Feedback Regulated Turbulence, Magnetic Fields, and Star Formation Rates in Galactic Disks

Abstract

We use three-dimensional magnetohydrodynamic (MHD) simulations to investigate the quasi-equilibrium states of galactic disks regulated by star formation feedback. We incorporate effects from massive-star feedback via time-varying heating rates and supernova (SN) explosions. We find that the disks in our simulations rapidly approach a quasi-steady state that satisfies vertical dynamical equilibrium. The star formation rate (SFR) surface density self adjusts to provide the total momentum flux (pressure) in the vertical direction that matches the weight of the gas. We quantify feedback efficiency by measuring feedback yields, eta(c) equivalent to P-c/Sigma(SFR) (in suitable units), for each pressure component. The turbulent and thermal feedback yields are the same for HD and MHD simulations, eta(th) similar to 1 and eta(turb) similar to 4, consistent with the theoretical expectations.
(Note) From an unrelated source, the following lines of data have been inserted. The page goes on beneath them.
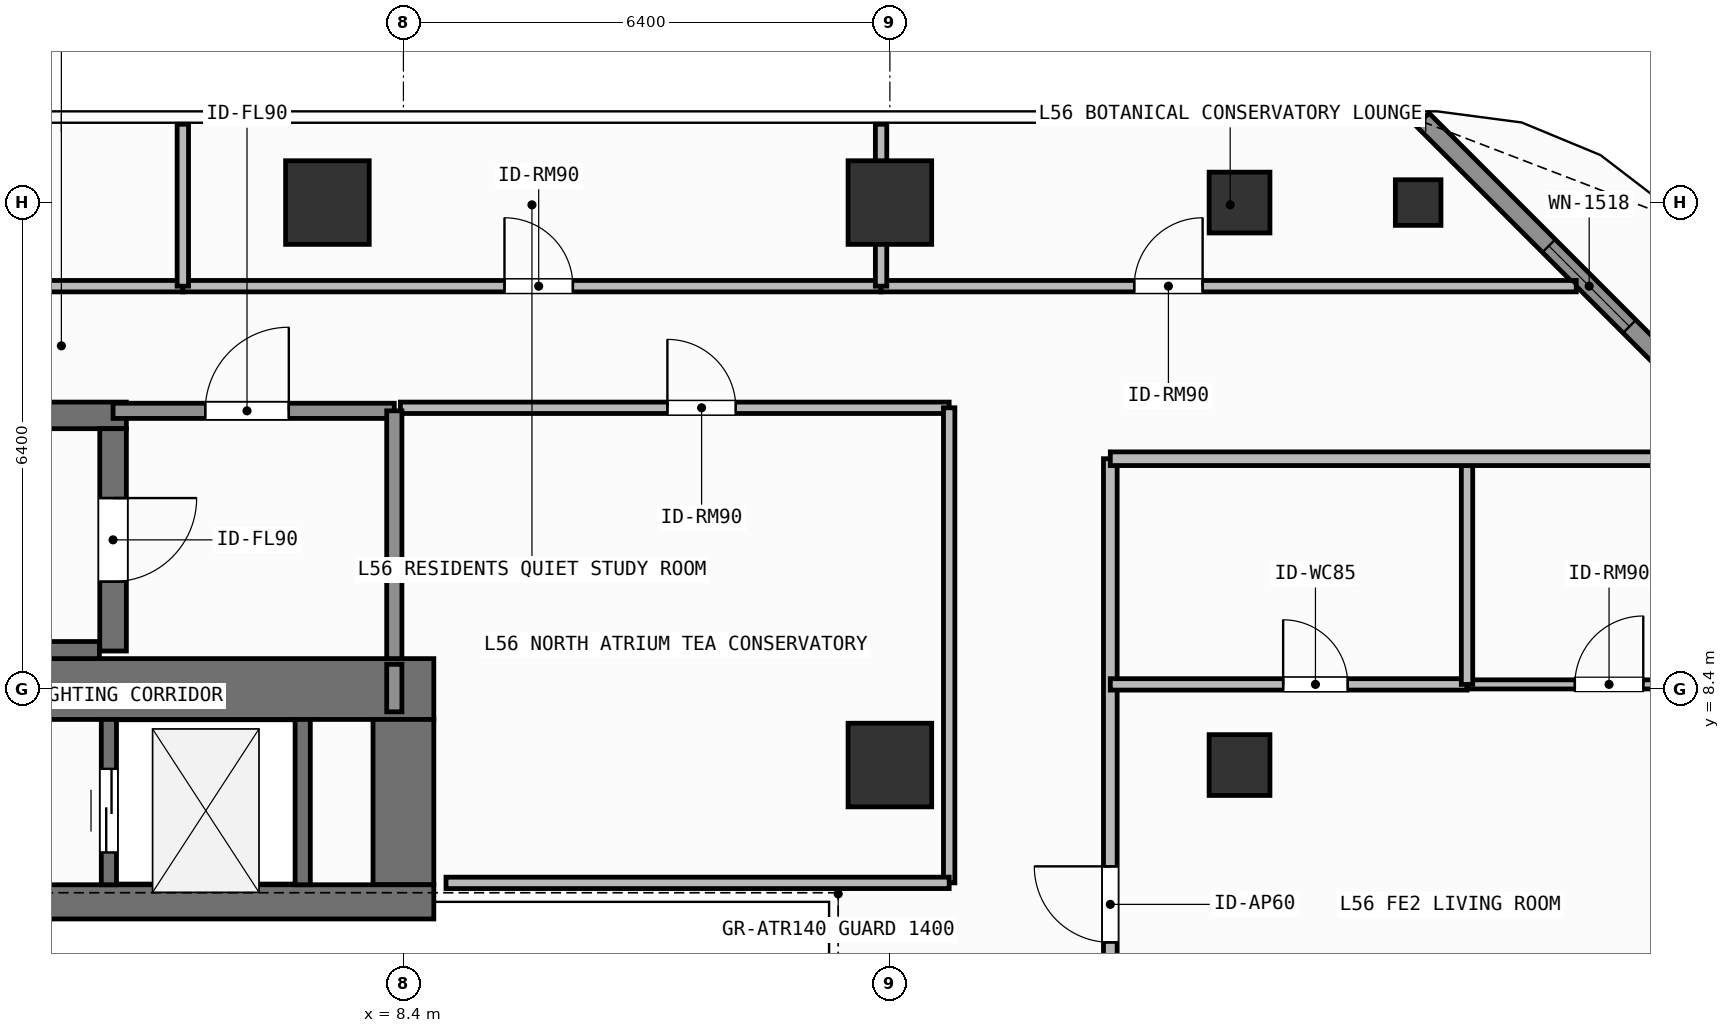
"""IFC4 building model, lengths in metres.
Left out: names, types, materials, properties, quantities, classifications, styles, units other than length and angle.
Written with IfcOpenShell. Run it as: python <this file> out.ifc"""

import sys

from ifc_helpers import new_model, si_unit, direction, frame, frame_2d, origin, origin_2d, place, context, subcontext, project, spatial, rectangle, hollow_rectangle, extrude, element, fill, save


model = new_model("IFC4")
c1 = context("Model", 3, precision=1e-05, world=origin(), true_north=direction((0.0, 1.0)))
c2 = subcontext(c1, "Body", "Model", "MODEL_VIEW")
j1 = project(units=[si_unit("LENGTHUNIT", "METRE"), si_unit("PLANEANGLEUNIT", "RADIAN")], contexts=[c1])
p1 = place(None, origin())
s1 = spatial("IfcSite", under=j1, at=p1, CompositionType="ELEMENT")
p2 = place(p1, origin())
s2 = spatial("IfcBuilding", under=s1, at=p2, CompositionType="ELEMENT")
p3 = place(p2, frame((0.0, 0.0, 227.4)))
s3 = spatial("IfcBuildingStorey", under=s2, at=p3, CompositionType="ELEMENT", Elevation=227.4)
p4 = place(p3, frame((-7.55, 8.4, 0.0), z_axis=(0.0, 0.0, 1.0), x_axis=(1.0, 0.0, 0.0)))
e1 = element("IfcWall", 1, at=p4, inside=s3, PredefinedType="SHEAR", context=c2, shape_type="SweptSolid", body=[
    extrude(rectangle(XDim=16.35, YDim=0.8, at=frame_2d((8.175, 0.0))), origin(), (0.0, 0.0, 1.0), 3.9),
])
p5 = place(p3, frame((8.4, 5.825, 0.0), z_axis=(0.0, 0.0, 1.0), x_axis=(0.0, 1.0, 0.0)))
e2 = element("IfcWall", 2, at=p5, inside=s3, PredefinedType="SHEAR", context=c2, shape_type="SweptSolid", body=[
    extrude(rectangle(XDim=2.175, YDim=0.8, at=frame_2d((1.087, 0.0))), origin(), (0.0, 0.0, 1.0), 3.9),
])
p6 = place(p3, frame((3.045, 5.6, 0.0), z_axis=(0.0, 0.0, 1.0), x_axis=(1.0, 0.0, 0.0)))
e3 = element("IfcWall", 3, at=p6, inside=s3, PredefinedType="SHEAR", context=c2, shape_type="SweptSolid", body=[
    extrude(rectangle(XDim=5.755, YDim=0.45, at=frame_2d((2.877, 0.0))), origin(), (0.0, 0.0, 1.0), 3.9),
])
p7 = place(p3, frame((-2.555, 12.0, 0.0), z_axis=(0.0, 0.0, 1.0), x_axis=(1.0, 0.0, 0.0)))
e4 = element("IfcWall", 4, at=p7, inside=s3, PredefinedType="SHEAR", context=c2, shape_type="SweptSolid", body=[
    extrude(rectangle(XDim=7.31, YDim=0.35, at=frame_2d((3.655, 0.0))), origin(), (0.0, 0.0, 1.0), 3.9),
])
p8 = place(p3, frame((-2.2, 8.913, 0.0), z_axis=(0.0, 0.0, 1.0), x_axis=(1.0, 0.0, 0.0)))
e5 = element("IfcWall", 5, at=p8, inside=s3, PredefinedType="SHEAR", context=c2, shape_type="SweptSolid", body=[
    extrude(rectangle(XDim=6.6, YDim=0.225, at=frame_2d((3.3, 0.0))), origin(), (0.0, 0.0, 1.0), 3.9),
])
p9 = place(p3, frame((4.58, 11.825, 0.0), z_axis=(0.0, 0.0, 1.0), x_axis=(0.0, -1.0, 0.0)))
e6 = element("IfcWall", 6, at=p9, inside=s3, PredefinedType="SHEAR", context=c2, shape_type="SweptSolid", body=[
    extrude(rectangle(XDim=2.925, YDim=0.35, at=frame_2d((1.462, 0.0))), origin(), (0.0, 0.0, 1.0), 3.9),
])
p10 = place(p9, frame((0.913, 0.0, 0.0)))
e7 = element("IfcOpeningElement", 7, at=p10, cuts=e6, PredefinedType="OPENING", context=c2, shape_type="SweptSolid", body=[
    extrude(rectangle(XDim=1.1, YDim=2.15, at=frame_2d((0.55, 1.075))), frame((0.0, 0.185, 0.0), z_axis=(0.0, -1.0, 0.0), x_axis=(1.0, 0.0, 0.0)), (0.0, 0.0, 1.0), 0.37),
])
for number, where, z_axis, x_axis in (
    (8, (7.4, 14.8, 0.0), (0.0, 0.0, 1.0), (1.0, 0.0, 0.0)),
    (9, (14.8, 14.8, 0.0), (0.0, 0.0, 1.0), (1.0, 0.0, 0.0)),
    (10, (14.8, 7.4, 0.0), (0.0, 0.0, 1.0), (1.0, 0.0, 0.0)),
):
    element("IfcColumn", number, at=place(p3, frame(where, z_axis=z_axis, x_axis=x_axis)), inside=s3, PredefinedType="COLUMN", context=c2, shape_type="SweptSolid", body=[
        extrude(rectangle(XDim=1.1, YDim=1.1, at=origin_2d()), origin(), (0.0, 0.0, 1.0), 3.9),
    ])
for number, where, z_axis, x_axis in (
    (11, (19.4, 7.4, 0.0), (0.0, 0.0, 1.0), (1.0, 0.0, 0.0)),
    (12, (19.4, 14.8, 0.0), (0.0, 0.0, 1.0), (1.0, 0.0, 0.0)),
):
    element("IfcColumn", number, at=place(p3, frame(where, z_axis=z_axis, x_axis=x_axis)), inside=s3, PredefinedType="COLUMN", context=c2, shape_type="SweptSolid", body=[
        extrude(hollow_rectangle(XDim=0.8, YDim=0.8, WallThickness=0.036, at=origin_2d()), origin(), (0.0, 0.0, 1.0), 3.9),
    ])
p11 = place(p3, frame((21.75, 14.8, 0.0), z_axis=(0.0, 0.0, 1.0), x_axis=(1.0, 0.0, 0.0)))
e13 = element("IfcColumn", 13, at=p11, inside=s3, PredefinedType="COLUMN", context=c2, shape_type="SweptSolid", body=[
    extrude(hollow_rectangle(XDim=0.6, YDim=0.6, WallThickness=0.028, at=origin_2d()), origin(), (0.0, 0.0, 1.0), 3.9),
])
p12 = place(p3, frame((21.808, 15.892, 0.0), z_axis=(0.0, 0.0, 1.0), x_axis=(0.707106781187, -0.707106781187, 0.0)))
e14 = element("IfcWall", 14, at=p12, inside=s3, PredefinedType="SOLIDWALL", context=c2, shape_type="SweptSolid", body=[
    extrude(rectangle(XDim=6.201, YDim=0.24, at=frame_2d((3.101, 0.0))), origin(), (0.0, 0.0, 1.0), 3.68),
])
p13 = place(p12, frame((2.351, 0.0, 0.8)))
e15 = element("IfcOpeningElement", 15, at=p13, cuts=e14, PredefinedType="OPENING", context=c2, shape_type="SweptSolid", body=[
    extrude(rectangle(XDim=1.5, YDim=1.85, at=frame_2d((0.75, 0.925))), frame((0.0, 0.13, 0.0), z_axis=(0.0, -1.0, 0.0), x_axis=(1.0, 0.0, 0.0)), (0.0, 0.0, 1.0), 0.26),
])
p14 = place(p3, frame((4.525, 5.825, 0.0), z_axis=(0.0, 0.0, 1.0), x_axis=(0.0, 1.0, 0.0)))
e16 = element("IfcWall", 16, at=p14, inside=s3, PredefinedType="SHEAR", context=c2, shape_type="SweptSolid", body=[
    extrude(rectangle(XDim=2.175, YDim=0.2, at=frame_2d((1.087, 0.0))), origin(), (0.0, 0.0, 1.0), 3.68),
])
p15 = place(p14, frame((0.425, 0.0, 0.0)))
e17 = element("IfcOpeningElement", 17, at=p15, cuts=e16, PredefinedType="OPENING", context=c2, shape_type="SweptSolid", body=[
    extrude(rectangle(XDim=1.1, YDim=2.2, at=frame_2d((0.55, 1.1))), frame((0.0, 0.11, 0.0), z_axis=(0.0, -1.0, 0.0), x_axis=(1.0, 0.0, 0.0)), (0.0, 0.0, 1.0), 0.22),
])
p16 = place(p3, frame((7.075, 5.825, 0.0), z_axis=(0.0, 0.0, 1.0), x_axis=(0.0, 1.0, 0.0)))
e18 = element("IfcWall", 18, at=p16, inside=s3, PredefinedType="SHEAR", context=c2, shape_type="SweptSolid", body=[
    extrude(rectangle(XDim=2.175, YDim=0.2, at=frame_2d((1.087, 0.0))), origin(), (0.0, 0.0, 1.0), 3.68),
])
p17 = place(p3, frame((4.58, 12.06, 0.0), z_axis=(0.0, 0.0, 1.0), x_axis=(1.0, 0.0, 0.0)))
e19 = element("IfcWall", 19, at=p17, inside=s3, PredefinedType="SOLIDWALL", context=c2, shape_type="SweptSolid", body=[
    extrude(rectangle(XDim=3.7, YDim=0.2, at=frame_2d((1.85, 0.0))), origin(), (0.0, 0.0, 1.0), 3.68),
])
p18 = place(p17, frame((1.212, 0.0, 0.0)))
e20 = element("IfcOpeningElement", 20, at=p18, cuts=e19, PredefinedType="OPENING", context=c2, shape_type="SweptSolid", body=[
    extrude(rectangle(XDim=1.1, YDim=2.15, at=frame_2d((0.55, 1.075))), frame((0.0, 0.11, 0.0), z_axis=(0.0, -1.0, 0.0), x_axis=(1.0, 0.0, 0.0)), (0.0, 0.0, 1.0), 0.22),
])
p19 = place(p3, frame((8.36, 12.1, 0.0), z_axis=(0.0, 0.0, 1.0), x_axis=(1.0, 0.0, 0.0)))
e21 = element("IfcWall", 21, at=p19, inside=s3, PredefinedType="PARTITIONING", context=c2, shape_type="SweptSolid", body=[
    extrude(rectangle(XDim=7.22, YDim=0.15, at=frame_2d((3.61, 0.0))), origin(), (0.0, 0.0, 1.0), 3.68),
])
p20 = place(p19, frame((3.513, 0.0, 0.0)))
e22 = element("IfcOpeningElement", 22, at=p20, cuts=e21, PredefinedType="OPENING", context=c2, shape_type="SweptSolid", body=[
    extrude(rectangle(XDim=0.9, YDim=2.1, at=frame_2d((0.45, 1.05))), frame((0.0, 0.085, 0.0), z_axis=(0.0, -1.0, 0.0), x_axis=(1.0, 0.0, 0.0)), (0.0, 0.0, 1.0), 0.17),
])
p21 = place(p3, frame((-2.889, 13.7, 0.0), z_axis=(0.0, 0.0, 1.0), x_axis=(1.0, 0.0, 0.0)))
e23 = element("IfcWall", 23, at=p21, inside=s3, PredefinedType="PARTITIONING", context=c2, shape_type="SweptSolid", body=[
    extrude(rectangle(XDim=8.387, YDim=0.15, at=frame_2d((4.193, 0.0))), origin(), (0.0, 0.0, 1.0), 3.68),
])
p22 = place(p21, frame((3.743, 0.0, 0.0)))
e24 = element("IfcOpeningElement", 24, at=p22, cuts=e23, PredefinedType="OPENING", context=c2, shape_type="SweptSolid", body=[
    extrude(rectangle(XDim=0.9, YDim=2.1, at=frame_2d((0.45, 1.05))), frame((0.0, 0.085, 0.0), z_axis=(0.0, -1.0, 0.0), x_axis=(1.0, 0.0, 0.0)), (0.0, 0.0, 1.0), 0.17),
])
p23 = place(p3, frame((5.498, 13.7, 0.0), z_axis=(0.0, 0.0, 1.0), x_axis=(1.0, 0.0, 0.0)))
e25 = element("IfcWall", 25, at=p23, inside=s3, PredefinedType="PARTITIONING", context=c2, shape_type="SweptSolid", body=[
    extrude(rectangle(XDim=9.186, YDim=0.15, at=frame_2d((4.593, 0.0))), origin(), (0.0, 0.0, 1.0), 3.68),
])
p24 = place(p23, frame((4.231, 0.0, 0.0)))
e26 = element("IfcOpeningElement", 26, at=p24, cuts=e25, PredefinedType="OPENING", context=c2, shape_type="SweptSolid", body=[
    extrude(rectangle(XDim=0.9, YDim=2.1, at=frame_2d((0.45, 1.05))), frame((0.0, 0.085, 0.0), z_axis=(0.0, -1.0, 0.0), x_axis=(1.0, 0.0, 0.0)), (0.0, 0.0, 1.0), 0.17),
])
p25 = place(p3, frame((14.684, 13.7, 0.0), z_axis=(0.0, 0.0, 1.0), x_axis=(1.0, 0.0, 0.0)))
e27 = element("IfcWall", 27, at=p25, inside=s3, PredefinedType="PARTITIONING", context=c2, shape_type="SweptSolid", body=[
    extrude(rectangle(XDim=9.146, YDim=0.15, at=frame_2d((4.573, 0.0))), origin(), (0.0, 0.0, 1.0), 3.68),
])
p26 = place(p25, frame((3.33, 0.0, 0.0)))
e28 = element("IfcOpeningElement", 28, at=p26, cuts=e27, PredefinedType="OPENING", context=c2, shape_type="SweptSolid", body=[
    extrude(rectangle(XDim=0.9, YDim=2.1, at=frame_2d((0.45, 1.05))), frame((0.0, 0.085, 0.0), z_axis=(0.0, -1.0, 0.0), x_axis=(1.0, 0.0, 0.0)), (0.0, 0.0, 1.0), 0.17),
])
p27 = place(p3, frame((17.7, -1.193, 0.0), z_axis=(0.0, 0.0, 1.0), x_axis=(0.0, 1.0, 0.0)))
e29 = element("IfcWall", 29, at=p27, inside=s3, PredefinedType="PARTITIONING", context=c2, shape_type="SweptSolid", body=[
    extrude(rectangle(XDim=12.623, YDim=0.18, at=frame_2d((6.312, 0.0))), origin(), (0.0, 0.0, 1.0), 3.68),
])
p28 = place(p27, frame((6.26, 0.0, 0.0)))
e30 = element("IfcOpeningElement", 30, at=p28, cuts=e29, PredefinedType="OPENING", context=c2, shape_type="SweptSolid", body=[
    extrude(rectangle(XDim=1.0, YDim=2.2, at=frame_2d((0.5, 1.1))), frame((0.0, 0.1, 0.0), z_axis=(0.0, -1.0, 0.0), x_axis=(1.0, 0.0, 0.0)), (0.0, 0.0, 1.0), 0.2),
])
p29 = place(p3, frame((17.7, 8.461, 0.0), z_axis=(0.0, 0.0, 1.0), x_axis=(1.0, 0.0, 0.0)))
e31 = element("IfcWall", 31, at=p29, inside=s3, PredefinedType="PARTITIONING", context=c2, shape_type="SweptSolid", body=[
    extrude(rectangle(XDim=4.693, YDim=0.15, at=frame_2d((2.347, 0.0))), origin(), (0.0, 0.0, 1.0), 3.68),
])
p30 = place(p29, frame((2.274, 0.0, 0.0)))
e32 = element("IfcOpeningElement", 32, at=p30, cuts=e31, PredefinedType="OPENING", context=c2, shape_type="SweptSolid", body=[
    extrude(rectangle(XDim=0.85, YDim=2.1, at=frame_2d((0.425, 1.05))), frame((0.0, 0.085, 0.0), z_axis=(0.0, -1.0, 0.0), x_axis=(1.0, 0.0, 0.0)), (0.0, 0.0, 1.0), 0.17),
])
p31 = place(p3, frame((22.393, 8.461, 0.0), z_axis=(0.0, 0.0, 1.0), x_axis=(1.0, 0.0, 0.0)))
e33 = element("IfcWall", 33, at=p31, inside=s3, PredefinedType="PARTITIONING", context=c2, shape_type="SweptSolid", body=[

In MHD simulations, turbulent magnetic fields are rapidly generated by turbulence, and saturate at a level corresponding to eta(mag,t) similar to 1. The presence of magnetic fields enhances the total feedback yield and therefore reduces the SFR, since the same vertical support can be supplied at a smaller SFR. We suggest further numerical calibrations and observational tests in terms of the feedback yields.